Some files carry valuable intelligence but have no tree-sitter grammar. The indexer includes dedicated text analyzers for these formats:

File type Analyzer What it extracts
OpenAPI/Swagger (YAML/JSON) openapi API endpoints, request/response schemas, authentication requirements
SQL DDL files sqlddl Table definitions, column types, constraints, indexes, foreign keys
Maven pom.xml maven Project dependencies, build plugins, module structure
Java .properties files properties Configuration keys, values, and which files define or consume them

Text analyzers produce the same IndexOutput as language analyzers and follow the same batch upload path.

Before any analysis, the indexer filters out files that provide no code intelligence value. This keeps indexing fast and avoids noise in search results.

Dependency directories - node_modules/, vendor/, target/, .gradle/, Pods/, and similar package manager output.

Build artifacts - dist/, build/, out/, .next/, bin/, obj/, and compiled output directories.

Binary extensions - .class, .jar, .dll, .so, .wasm, .png, .jpg, .woff2, and other non-text formats.

Lock files - package-lock.json, yarn.lock, go.sum, Cargo.lock, Gemfile.lock, and other dependency lock files.

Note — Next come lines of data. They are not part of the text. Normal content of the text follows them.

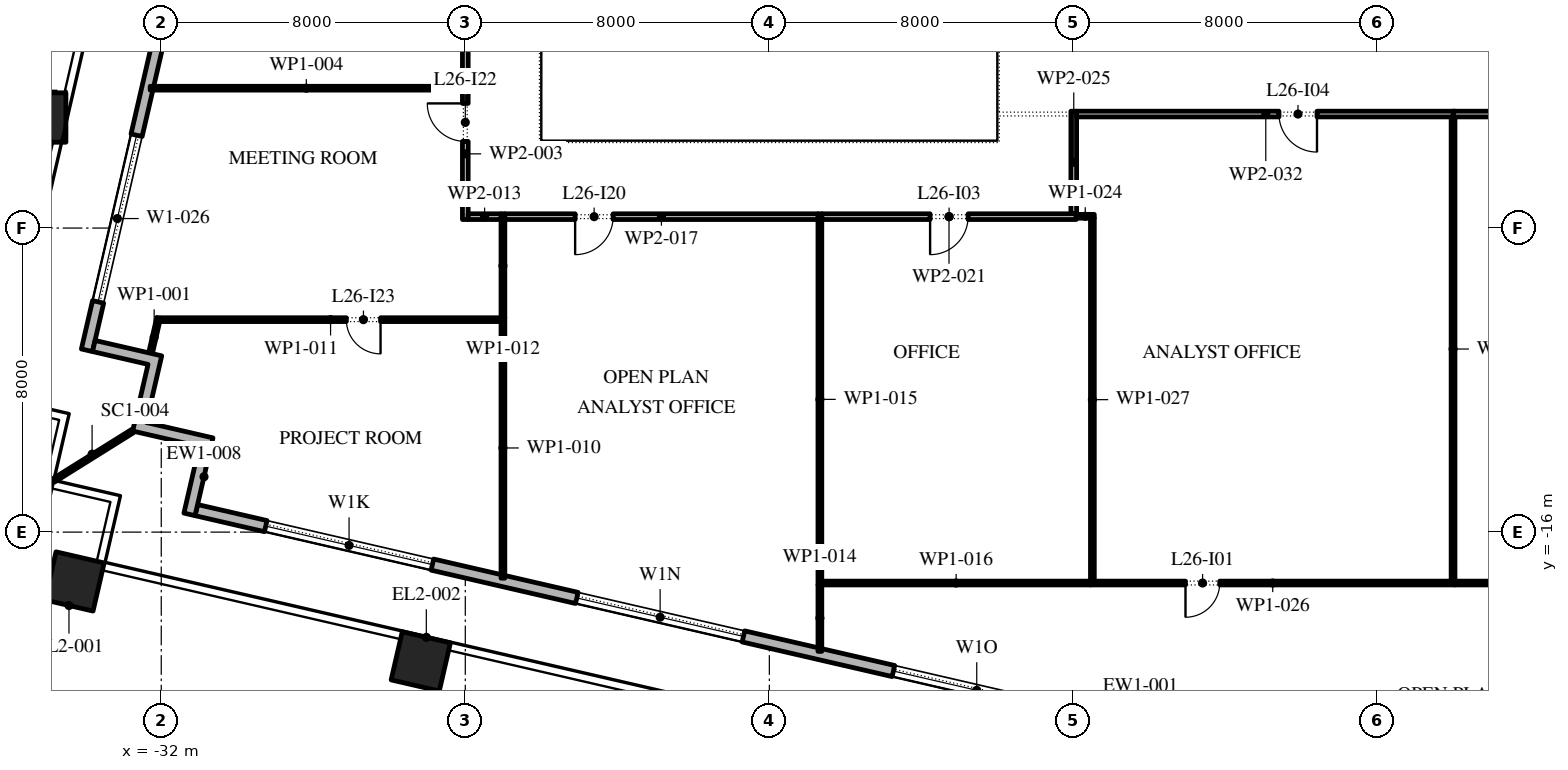
"""IFC4 building model, lengths in metres.
Left out: names, types, materials, properties, quantities, classifications, styles, units other than length and angle.
Written with IfcOpenShell. Run it as: python <this file> out.ifc"""

import sys

from ifc_helpers import new_model, si_unit, direction, frame, frame_2d, origin, origin_2d, place, context, subcontext, project, spatial, polyline, rectangle, outline, extrude, element, fill, save


model = new_model("IFC4")
c1 = context("Model", 3, precision=1e-05, world=origin(), true_north=direction((0.0, 1.0)))
c2 = subcontext(c1, "Body", "Model", "MODEL_VIEW")
j1 = project(units=[si_unit("LENGTHUNIT", "METRE"), si_unit("PLANEANGLEUNIT", "RADIAN")], contexts=[c1])
p1 = place(None, origin())
s1 = spatial("IfcSite", under=j1, at=p1, CompositionType="ELEMENT")
p2 = place(p1, origin())
s2 = spatial("IfcBuilding", under=s1, at=p2, CompositionType="ELEMENT")
p3 = place(p2, frame((0.0, 0.0, 122.4)))
s3 = spatial("IfcBuildingStorey", under=s2, at=p3, CompositionType="ELEMENT", Elevation=122.4)
for number, where, z_axis, x_axis in (
    (1, (-34.282, -17.298, 0.0), (0.0, 0.0, 1.0), (0.974, -0.225, 0.0)),
    (2, (-25.172, -19.402, 0.0), (0.0, 0.0, 1.0), (0.974, -0.225, 0.0)),
):
    element("IfcColumn", number, at=place(p3, frame(where, z_axis=z_axis, x_axis=x_axis)), inside=s3, PredefinedType="COLUMN", context=c2, shape_type="SweptSolid", body=[
        extrude(rectangle(XDim=1.3, YDim=1.3, at=origin_2d()), origin(), (0.0, 0.0, 1.0), 4.2),
    ])
p4 = place(p3, frame((-35.159, -5.092, 0.0), z_axis=(0.00290605529, 0.012670401066, 0.99991550432), x_axis=(-0.974691740237, 0.22355315143, 0.0)))
e3 = element("IfcColumn", 3, at=p4, inside=s3, PredefinedType="COLUMN", context=c2, shape_type="SweptSolid", body=[
    extrude(rectangle(XDim=1.3, YDim=1.3, at=origin_2d()), origin(), (0.0, 0.0, 1.0), 4.2),
])
p5 = place(p3, frame((-35.631, -15.139, 0.0), z_axis=(0.0, 0.0, 1.0), x_axis=(0.974370064785, -0.224951054344, 0.0)))
e4 = element("IfcColumn", 4, at=p5, inside=s3, PredefinedType="COLUMN", context=c2, shape_type="SweptSolid", body=[
    extrude(rectangle(XDim=1.3, YDim=1.3, at=origin_2d()), origin(), (0.0, 0.0, 1.0), 4.2),
])
p6 = place(p3, frame((-31.078, -15.421, 0.0), z_axis=(0.0, 0.0, 1.0), x_axis=(0.974370456532, -0.224949357493, 0.0)))
e5 = element("IfcWall", 5, at=p6, inside=s3, PredefinedType="STANDARD", context=c2, shape_type="SweptSolid", body=[
    extrude(rectangle(XDim=51.0, YDim=0.3, at=frame_2d((25.5, 0.0))), origin(), (0.0, 0.0, 1.0), 4.0),
])
p7 = place(p6, frame((1.875, 0.0, 0.45)))
e6 = element("IfcOpeningElement", 6, at=p7, cuts=e5, PredefinedType="OPENING", context=c2, shape_type="SweptSolid", body=[
    extrude(rectangle(XDim=4.5, YDim=2.65, at=frame_2d((2.25, 1.325))), frame((0.0, 0.16, 0.0), z_axis=(0.0, -1.0, 0.0), x_axis=(1.0, 0.0, 0.0)), (0.0, 0.0, 1.0), 0.32),
])
p8 = place(p6, frame((10.275, 0.0, 0.45)))
e7 = element("IfcOpeningElement", 7, at=p8, cuts=e5, PredefinedType="OPENING", context=c2, shape_type="SweptSolid", body=[
    extrude(rectangle(XDim=4.5, YDim=2.525, at=frame_2d((2.25, 1.262))), frame((0.0, 0.16, 0.0), z_axis=(0.0, -1.0, 0.0), x_axis=(1.0, 0.0, 0.0)), (0.0, 0.0, 1.0), 0.32),
])
p9 = place(p6, frame((18.825, 0.0, 0.45)))
e8 = element("IfcOpeningElement", 8, at=p9, cuts=e5, PredefinedType="OPENING", context=c2, shape_type="SweptSolid", body=[
    extrude(rectangle(XDim=4.5, YDim=2.5, at=frame_2d((2.25, 1.25))), frame((0.0, 0.16, 0.0), z_axis=(0.0, -1.0, 0.0), x_axis=(1.0, 0.0, 0.0)), (0.0, 0.0, 1.0), 0.32),
])
p10 = place(p6, frame((28.425, 0.0, 0.0)))
e9 = element("IfcOpeningElement", 9, at=p10, cuts=e5, PredefinedType="OPENING", context=c2, shape_type="SweptSolid", body=[
    extrude(rectangle(XDim=2.4, YDim=2.9, at=frame_2d((1.2, 1.45))), frame((0.0, 0.16, 0.0), z_axis=(0.0, -1.0, 0.0), x_axis=(1.0, 0.0, 0.0)), (0.0, 0.0, 1.0), 0.32),
])
p11 = place(p6, frame((35.925, 0.0, 0.45)))
e10 = element("IfcOpeningElement", 10, at=p11, cuts=e5, PredefinedType="OPENING", context=c2, shape_type="SweptSolid", body=[
    extrude(rectangle(XDim=4.5, YDim=2.45, at=frame_2d((2.25, 1.225))), frame((0.0, 0.16, 0.0), z_axis=(0.0, -1.0, 0.0), x_axis=(1.0, 0.0, 0.0)), (0.0, 0.0, 1.0), 0.32),
])
p12 = place(p6, frame((44.475, 0.0, 0.45)))
e11 = element("IfcOpeningElement", 11, at=p12, cuts=e5, PredefinedType="OPENING", context=c2, shape_type="SweptSolid", body=[
    extrude(rectangle(XDim=4.5, YDim=2.45, at=frame_2d((2.25, 1.225))), frame((0.0, 0.16, 0.0), z_axis=(0.0, -1.0, 0.0), x_axis=(1.0, 0.0, 0.0)), (0.0, 0.0, 1.0), 0.32),
])
p13 = place(p3, frame((-22.82, 37.016, 0.0), z_axis=(0.0, 0.0, 1.0), x_axis=(-0.224953880882, -0.974369412223, 0.0)))
e12 = element("IfcWall", 12, at=p13, inside=s3, PredefinedType="STANDARD", context=c2, shape_type="SweptSolid", body=[
    extrude(rectangle(XDim=49.5, YDim=0.3, at=frame_2d((24.75, 0.0))), origin(), (0.0, 0.0, 1.0), 4.0),
])
p14 = place(p13, frame((1.157, 0.0, 0.45)))
e13 = element("IfcOpeningElement", 13, at=p14, cuts=e12, PredefinedType="OPENING", context=c2, shape_type="SweptSolid", body=[
    extrude(rectangle(XDim=4.5, YDim=3.05, at=frame_2d((2.25, 1.525))), frame((0.0, 0.16, 0.0), z_axis=(0.0, -1.0, 0.0), x_axis=(1.0, 0.0, 0.0)), (0.0, 0.0, 1.0), 0.32),
])
p15 = place(p13, frame((8.121, 0.0, 0.45)))
e14 = element("IfcOpeningElement", 14, at=p15, cuts=e12, PredefinedType="OPENING", context=c2, shape_type="SweptSolid", body=[
    extrude(rectangle(XDim=4.5, YDim=3.05, at=frame_2d((2.25, 1.525))), frame((0.0, 0.16, 0.0), z_axis=(0.0, -1.0, 0.0), x_axis=(1.0, 0.0, 0.0)), (0.0, 0.0, 1.0), 0.32),
])
p16 = place(p13, frame((15.236, 0.0, 0.45)))
e15 = element("IfcOpeningElement", 15, at=p16, cuts=e12, PredefinedType="OPENING", context=c2, shape_type="SweptSolid", body=[
    extrude(rectangle(XDim=4.5, YDim=3.05, at=frame_2d((2.25, 1.525))), frame((0.0, 0.16, 0.0), z_axis=(0.0, -1.0, 0.0), x_axis=(1.0, 0.0, 0.0)), (0.0, 0.0, 1.0), 0.32),
])
p17 = place(p13, frame((23.4, 0.0, 0.0)))
e16 = element("IfcOpeningElement", 16, at=p17, cuts=e12, PredefinedType="OPENING", context=c2, shape_type="SweptSolid", body=[
    extrude(rectangle(XDim=2.4, YDim=3.5, at=frame_2d((1.2, 1.75))), frame((0.0, 0.16, 0.0), z_axis=(0.0, -1.0, 0.0), x_axis=(1.0, 0.0, 0.0)), (0.0, 0.0, 1.0), 0.32),
])
p18 = place(p13, frame((29.464, 0.0, 0.45)))
e17 = element("IfcOpeningElement", 17, at=p18, cuts=e12, PredefinedType="OPENING", context=c2, shape_type="SweptSolid", body=[
    extrude(rectangle(XDim=4.5, YDim=2.875, at=frame_2d((2.25, 1.438))), frame((0.0, 0.16, 0.0), z_axis=(0.0, -1.0, 0.0), x_axis=(1.0, 0.0, 0.0)), (0.0, 0.0, 1.0), 0.32),
])
p19 = place(p13, frame((36.579, 0.0, 0.45)))
e18 = element("IfcOpeningElement", 18, at=p19, cuts=e12, PredefinedType="OPENING", context=c2, shape_type="SweptSolid", body=[
    extrude(rectangle(XDim=4.5, YDim=2.675, at=frame_2d((2.25, 1.337))), frame((0.0, 0.16, 0.0), z_axis=(0.0, -1.0, 0.0), x_axis=(1.0, 0.0, 0.0)), (0.0, 0.0, 1.0), 0.32),
])
p20 = place(p13, frame((43.693, 0.0, 0.45)))
e19 = element("IfcOpeningElement", 19, at=p20, cuts=e12, PredefinedType="OPENING", context=c2, shape_type="SweptSolid", body=[
    extrude(rectangle(XDim=4.5, YDim=3.05, at=frame_2d((2.25, 1.525))), frame((0.0, 0.16, 0.0), z_axis=(0.0, -1.0, 0.0), x_axis=(1.0, 0.0, 0.0)), (0.0, 0.0, 1.0), 0.32),
])
p21 = place(p3, origin())
e20 = element("IfcWall", 20, at=p21, inside=s3, PredefinedType="STANDARD", context=c2, shape_type="SweptSolid", body=[
    extrude(outline(polyline([(-32.393, -13.116), (-30.639, -13.521), (-31.111, -15.567), (-31.404, -15.5), (-30.999, -13.746), (-32.753, -13.341), (-32.348, -11.587), (-33.809, -11.25), (-33.742, -10.957), (-31.988, -11.362), (-32.393, -13.116)])), origin(), (0.0, 0.0, 1.0), 4.0),
])
p22 = place(p3, frame((-32.753, -13.341, -0.05), z_axis=(0.0, 0.0, 1.0), x_axis=(-0.848059759764, -0.529900598103, 0.0)))
e21 = element("IfcWall", 21, at=p22, inside=s3, PredefinedType="STANDARD", context=c2, shape_type="SweptSolid", body=[
    extrude(rectangle(XDim=2.455, YDim=0.1, at=frame_2d((1.228, 0.0))), origin(), (0.0, 0.0, 1.0), 4.05),
])
p23 = place(p3, frame((-32.069, -10.361, 0.0), z_axis=(0.0, 0.0, 1.0), x_axis=(-0.222987762652, -0.974821243976, 0.0)))
e22 = element("IfcWall", 22, at=p23, inside=s3, PredefinedType="PARTITIONING", context=c2, shape_type="SweptSolid", body=[
    extrude(rectangle(XDim=1.058, YDim=0.1, at=frame_2d((0.529, 0.0))), origin(), (0.0, 0.0, 1.0), 4.0),
])
p24 = place(p3, frame((-24.0, -7.775, 0.0), z_axis=(0.0, 0.0, 1.0), x_axis=(0.0, 1.0, 0.0)))
e23 = element("IfcWall", 23, at=p24, inside=s3, PredefinedType="PARTITIONING", context=c2, shape_type="SweptSolid", body=[
    extrude(rectangle(XDim=3.455, YDim=0.15, at=frame_2d((1.728, 0.0))), origin(), (0.0, 0.0, 1.0), 4.0),
])
p25 = place(p24, frame((2.055, 0.0, 0.0)))
e24 = element("IfcOpeningElement", 24, at=p25, cuts=e23, PredefinedType="OPENING", context=c2, shape_type="SweptSolid", body=[
    extrude(rectangle(XDim=1.0, YDim=2.1, at=frame_2d((0.5, 1.05))), frame((0.0, 0.085, 0.0), z_axis=(0.0, -1.0, 0.0), x_axis=(1.0, 0.0, 0.0)), (0.0, 0.0, 1.0), 0.17),
])
p26 = place(p3, frame((-24.075, -4.32, 0.0), z_axis=(0.0, 0.0, 1.0), x_axis=(-1.0, 0.0, 0.0)))
e25 = element("IfcWall", 25, at=p26, inside=s3, PredefinedType="PARTITIONING", context=c2, shape_type="SweptSolid", body=[
    extrude(rectangle(XDim=8.217, YDim=0.1, at=frame_2d((4.108, 0.0))), origin(), (0.0, 0.0, 1.0), 4.0),
])
p27 = place(p3, frame((-24.0, -4.32, 0.0), z_axis=(0.0, 0.0, 1.0), x_axis=(0.0, 1.0, 0.0)))
e26 = element("IfcWall", 26, at=p27, inside=s3, PredefinedType="PARTITIONING", context=c2, shape_type="SweptSolid", body=[
    extrude(rectangle(XDim=7.82, YDim=0.15, at=frame_2d((3.91, 0.0))), origin(), (0.0, 0.0, 1.0), 4.0),
])
p28 = place(p27, frame((4.12, 0.0, 0.0)))
e27 = element("IfcOpeningElement", 27, at=p28, cuts=e26, PredefinedType="OPENING", context=c2, shape_type="SweptSolid", body=[
    extrude(rectangle(XDim=1.0, YDim=2.1, at=frame_2d((0.5, 1.05))), frame((0.0, 0.085, 0.0), z_axis=(0.0, -1.0, 0.0), x_axis=(1.0, 0.0, 0.0)), (0.0, 0.0, 1.0), 0.17),
])
p29 = place(p3, frame((-23.01, -17.212, 0.0), z_axis=(0.0, 0.0, 1.0), x_axis=(0.0, 1.0, 0.0)))
e28 = element("IfcWall", 28, at=p29, inside=s3, PredefinedType="PARTITIONING", context=c2, shape_type="SweptSolid", body=[
    extrude(rectangle(XDim=6.852, YDim=0.1, at=frame_2d((3.426, 0.0))), origin(), (0.0, 0.0, 1.0), 4.0),
])
p30 = place(p3, frame((-23.06, -10.41, 0.0), z_axis=(0.0, 0.0, 1.0), x_axis=(-1.0, 0.0, 0.0)))
e29 = element("IfcWall", 29, at=p30, inside=s3, PredefinedType="PARTITIONING", context=c2, shape_type="SweptSolid", body=[
    extrude(rectangle(XDim=8.97, YDim=0.1, at=frame_2d((4.485, 0.0))), origin(), (0.0, 0.0, 1.0), 4.0),
])
p31 = place(p30, frame((3.17, 0.0, 0.0)))
e30 = element("IfcOpeningElement", 30, at=p31, cuts=e29, PredefinedType="OPENING", context=c2, shape_type="SweptSolid", body=[
    extrude(rectangle(XDim=0.9, YDim=2.1, at=frame_2d((0.45, 1.05))), frame((0.0, 0.06, 0.0), z_axis=(0.0, -1.0, 0.0), x_axis=(1.0, 0.0, 0.0)), (0.0, 0.0, 1.0), 0.12),
])
p32 = place(p3, frame((-23.01, -10.36, 0.0), z_axis=(0.0, 0.0, 1.0), x_axis=(0.0, 1.0, 0.0)))
e31 = element("IfcWall", 31, at=p32, inside=s3, PredefinedType="PARTITIONING", context=c2, shape_type="SweptSolid", body=[
    extrude(rectangle(XDim=2.735, YDim=0.1, at=frame_2d((1.368, 0.0))), origin(), (0.0, 0.0, 1.0), 4.0),
])
p33 = place(p3, frame((-23.06, -7.7, 0.0), z_axis=(0.0, 0.0, 1.0), x_axis=(-1.0, 0.0, 0.0)))
e32 = element("IfcWall", 32, at=p33, inside=s3, PredefinedType="PARTITIONING", context=c2, shape_type="SweptSolid", body=[
    extrude(rectangle(XDim=0.865, YDim=0.15, at=frame_2d((0.433, 0.0))), origin(), (0.0, 0.0, 1.0), 4.0),
])
p34 = place(p3, frame((-14.67, -19.138, 0.0), z_axis=(0.0, 0.0, 1.0), x_axis=(0.0, 1.0, 0.0)))
e33 = element("IfcWall", 33, at=p34, inside=s3, PredefinedType="PARTITIONING", context=c2, shape_type="SweptSolid", body=[
    extrude(rectangle(XDim=1.748, YDim=0.1, at=frame_2d((0.874, 0.0))), origin(), (0.0, 0.0, 1.0), 4.0),
])
p35 = place(p3, frame((-14.67, -17.39, 0.0), z_axis=(0.0, 0.0, 1.0), x_axis=(0.0, 1.0, 0.0)))
e34 = element("IfcWall", 34, at=p35, inside=s3, PredefinedType="PARTITIONING", context=c2, shape_type="SweptSolid", body=[
    extrude(rectangle(XDim=9.765, YDim=0.1, at=frame_2d((4.882, 0.0))), origin(), (0.0, 0.0, 1.0), 4.0),
])
p36 = place(p3, frame((-14.62, -17.34, 0.0), z_axis=(0.0, 0.0, 1.0), x_axis=(1.0, 0.0, 0.0)))
e35 = element("IfcWall", 35, at=p36, inside=s3, PredefinedType="PARTITIONING", context=c2, shape_type="SweptSolid", body=[
    extrude(rectangle(XDim=7.07, YDim=0.1, at=frame_2d((3.535, 0.0))), origin(), (0.0, 0.0, 1.0), 4.0),
])
p37 = place(p3, frame((-14.72, -7.7, 0.0), z_axis=(0.0, 0.0, 1.0), x_axis=(-1.0, 0.0, 0.0)))
e36 = element("IfcWall", 36, at=p37, inside=s3, PredefinedType="PARTITIONING", context=c2, shape_type="SweptSolid", body=[
    extrude(rectangle(XDim=8.24, YDim=0.15, at=frame_2d((4.12, 0.0))), origin(), (0.0, 0.0, 1.0), 4.0),
])
p38 = place(p37, frame((5.39, 0.0, 0.0)))
e37 = element("IfcOpeningElement", 37, at=p38, cuts=e36, PredefinedType="OPENING", context=c2, shape_type="SweptSolid", body=[
    extrude(rectangle(XDim=1.0, YDim=2.1, at=frame_2d((0.5, 1.05))), frame((0.0, 0.085, 0.0), z_axis=(0.0, -1.0, 0.0), x_axis=(1.0, 0.0, 0.0)), (0.0, 0.0, 1.0), 0.17),
])
p39 = place(p3, frame((-7.925, -7.7, 0.0), z_axis=(0.0, 0.0, 1.0), x_axis=(-1.0, 0.0, 0.0)))
e38 = element("IfcWall", 38, at=p39, inside=s3, PredefinedType="PARTITIONING", context=c2, shape_type="SweptSolid", body=[
    extrude(rectangle(XDim=6.695, YDim=0.15, at=frame_2d((3.348, 0.0))), origin(), (0.0, 0.0, 1.0), 4.0),
])
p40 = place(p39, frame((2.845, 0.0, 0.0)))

Secrets - .env, .env.*, .pem, .key, .crt, and other files that may contain credentials.

IDE and OS files - .vscode/, .idea/, .DS_Store, .cache/, coverage/, and editor/OS metadata.

All exclusion patterns use O(1) map lookups by directory name, file extension, or exact filename. To see the full list of patterns, refer to the source in indexer/internal/pipeline/exclusions.go.